Use the plotSpatialFeature() function to visualize the cell segmentation mask, colored by cell area, and the nuclei segmentation mask, colored by nucleus area

Answer

plotSpatialFeature(sfe, 
                   colGeometryName="cellSeg", 
                   features="cell_area")

plotSpatialFeature(sfe, 
                   colGeometryName="nucSeg", 
                   features="nucleus_area")

Save the object

In the Exercise 1A we used the function saveHDF5SummarizedExperiment because the count matrix of the SpatialExperiment object is stored on-disk for efficiency.

As you could see above, the SpatialFeatureExperiment includes additional layers, and some of them are also not loaded in memory. This complicates things further and even saving the object with the saveHDF5SummarizedExperiment function does not allow to fully re-import it.

A nice way to save the object is to use the alabaster.sfe package, implementing a (language agnostic) format to represent SpatialFeatureExperiment on disk (see the ArtifactDB project).
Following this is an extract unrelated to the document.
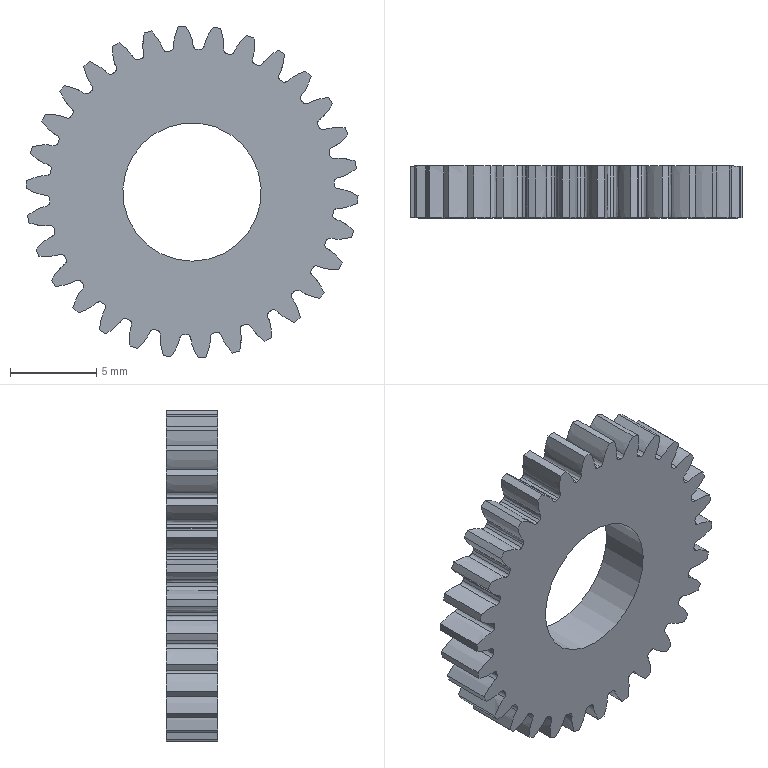Component | NX | 30_GEAR_2 | 1 solid | 183 faces | volume 605 mm3 | other 150 | cylinder 31 | plane 2 | commonest cylinder face diameters 16.5 x30 8 x1

See the package vignette here.

dir.create("results/day1", showWarnings = FALSE, recursive = TRUE)

alabaster.sfe::saveObject(sfe, "results/day1/01.1b_sfe_xenium")

Clear your environment:

rm(list = ls())
gc()
.rs.restartR()

Important

Key Takeaways:

SpatialFeatureExperiment is useful for geometry-rich spatial data.
Xenium observations are cell-resolved, while the Visium HD object in Exercise 1A is bin-resolved.
The P2 CRC subsets are designed to be comparable in course scope and approximate tissue region, not identical at cell level.